Reporting at TRATON SE is now broken down into two segments: Industrial Business and Financial Services. Industrial Business comprises the operating activities of TRATON’s truck and bus brands. In 2018, this segment generated a sales revenue of €25.0 billion (previous year: €23.4 billion), an adjusted operating profit of €1.5 billion (previous year: €1.3 billion) and an adjusted operating return on sales of 5.9% (previous year: 5.6%). In 2018, the Financial Services segment recorded an operating profit of €138 million (previous year: €111 million) and a sales revenue of €760 million (previous year: €721 million).

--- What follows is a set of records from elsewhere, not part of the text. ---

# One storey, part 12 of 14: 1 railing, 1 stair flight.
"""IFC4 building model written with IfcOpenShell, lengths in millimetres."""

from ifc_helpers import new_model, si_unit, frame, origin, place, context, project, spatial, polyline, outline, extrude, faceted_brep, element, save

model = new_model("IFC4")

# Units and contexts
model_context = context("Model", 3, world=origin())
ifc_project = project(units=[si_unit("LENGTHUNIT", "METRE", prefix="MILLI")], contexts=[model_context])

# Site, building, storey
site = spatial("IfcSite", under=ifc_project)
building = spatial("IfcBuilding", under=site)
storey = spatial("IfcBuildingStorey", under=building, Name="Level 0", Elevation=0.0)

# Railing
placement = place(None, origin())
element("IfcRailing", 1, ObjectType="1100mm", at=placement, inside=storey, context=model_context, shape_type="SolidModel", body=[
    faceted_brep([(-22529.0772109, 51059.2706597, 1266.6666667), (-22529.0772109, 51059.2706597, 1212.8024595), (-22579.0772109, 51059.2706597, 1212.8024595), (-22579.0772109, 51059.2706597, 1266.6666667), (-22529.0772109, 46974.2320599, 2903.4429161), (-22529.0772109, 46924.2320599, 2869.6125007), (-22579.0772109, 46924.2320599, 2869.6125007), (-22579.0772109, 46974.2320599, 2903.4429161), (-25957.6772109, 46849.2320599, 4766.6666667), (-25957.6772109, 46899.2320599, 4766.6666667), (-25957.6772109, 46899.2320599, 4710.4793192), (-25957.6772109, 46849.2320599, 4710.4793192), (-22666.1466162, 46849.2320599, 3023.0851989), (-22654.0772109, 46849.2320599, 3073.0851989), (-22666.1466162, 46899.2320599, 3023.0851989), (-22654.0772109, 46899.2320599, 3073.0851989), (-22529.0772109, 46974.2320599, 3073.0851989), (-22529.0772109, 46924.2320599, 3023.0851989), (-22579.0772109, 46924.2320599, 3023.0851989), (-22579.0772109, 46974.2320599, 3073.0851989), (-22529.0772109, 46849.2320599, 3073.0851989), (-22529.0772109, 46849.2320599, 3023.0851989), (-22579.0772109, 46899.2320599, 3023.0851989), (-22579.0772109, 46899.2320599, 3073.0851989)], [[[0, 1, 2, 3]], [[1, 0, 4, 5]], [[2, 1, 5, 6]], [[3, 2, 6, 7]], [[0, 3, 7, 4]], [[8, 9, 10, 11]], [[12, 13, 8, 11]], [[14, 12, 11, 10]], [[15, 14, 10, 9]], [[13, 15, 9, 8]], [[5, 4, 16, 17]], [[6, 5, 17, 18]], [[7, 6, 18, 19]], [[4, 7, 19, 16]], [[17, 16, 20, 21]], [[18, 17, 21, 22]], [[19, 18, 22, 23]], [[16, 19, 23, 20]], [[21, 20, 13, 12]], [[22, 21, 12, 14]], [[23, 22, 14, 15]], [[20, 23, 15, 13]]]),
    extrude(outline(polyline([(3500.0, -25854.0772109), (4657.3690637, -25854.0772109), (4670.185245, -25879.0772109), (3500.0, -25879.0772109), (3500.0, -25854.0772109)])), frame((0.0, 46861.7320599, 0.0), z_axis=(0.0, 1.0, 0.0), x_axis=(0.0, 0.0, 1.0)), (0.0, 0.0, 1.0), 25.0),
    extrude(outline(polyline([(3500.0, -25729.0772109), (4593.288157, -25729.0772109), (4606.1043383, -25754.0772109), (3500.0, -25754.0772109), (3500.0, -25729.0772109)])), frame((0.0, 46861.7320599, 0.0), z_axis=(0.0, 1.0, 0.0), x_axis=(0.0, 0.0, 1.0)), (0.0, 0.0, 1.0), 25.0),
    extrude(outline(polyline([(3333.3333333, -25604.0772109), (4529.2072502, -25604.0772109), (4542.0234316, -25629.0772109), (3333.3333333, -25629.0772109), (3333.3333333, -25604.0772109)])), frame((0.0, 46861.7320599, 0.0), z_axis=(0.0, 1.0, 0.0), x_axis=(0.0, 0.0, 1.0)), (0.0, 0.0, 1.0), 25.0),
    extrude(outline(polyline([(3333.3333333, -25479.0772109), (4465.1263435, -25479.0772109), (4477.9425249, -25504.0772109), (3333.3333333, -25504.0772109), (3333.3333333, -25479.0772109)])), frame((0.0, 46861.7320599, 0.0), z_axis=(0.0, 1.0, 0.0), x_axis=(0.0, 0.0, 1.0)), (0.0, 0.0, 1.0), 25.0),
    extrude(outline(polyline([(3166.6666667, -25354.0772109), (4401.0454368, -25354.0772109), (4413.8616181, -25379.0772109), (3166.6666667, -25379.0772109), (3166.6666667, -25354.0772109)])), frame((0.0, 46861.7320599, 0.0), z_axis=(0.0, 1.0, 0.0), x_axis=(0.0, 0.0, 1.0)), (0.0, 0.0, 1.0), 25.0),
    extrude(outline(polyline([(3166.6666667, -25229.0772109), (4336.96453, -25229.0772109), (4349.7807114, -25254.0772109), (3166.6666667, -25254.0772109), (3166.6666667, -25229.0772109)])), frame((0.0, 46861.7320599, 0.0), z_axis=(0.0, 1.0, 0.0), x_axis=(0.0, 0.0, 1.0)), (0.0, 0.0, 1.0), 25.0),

Strong performance by the brands
All three TRATON brands produced strong results in 2018. Sales revenue of the MAN Truck & Bus operating unit rose by about 8% to €10.8 billion. The increase in adjusted operating profit, at about 13% to €540 million, was much more pronounced than the rise in sales revenue here, too. The adjusted operating return on sales was 5.0% (previous year: 4.8%). To be able to produce profitable growth in the future, MAN Truck & Bus will continue to take steps that are designed to optimize its processes and cost structures. The sales revenue of the Scania Vehicles & Services operating unit rose once again by more than 4% and totaled about €13 billion. The operating profit was weighed down by the additional costs associated with the introduction of the new truck generation but rose by more than 3% to €1.2 billion. At 9.3%, the operating return on sales at Scania Vehicles & Services was almost on the same level with the previous year (9.4%). Following an economically weak year of 2017 in Brazil, sales revenue of the Volkswagen Caminhões e Ônibus operating unit increased by about 22% to €1.4 billion in 2018. Volkswagen Caminhões e Ônibus recorded an operating profit for the first time since Brazil’s economic crisis which rose to €28 million on the back of an increase in sales revenue and the implementation of systematic efficiency programs.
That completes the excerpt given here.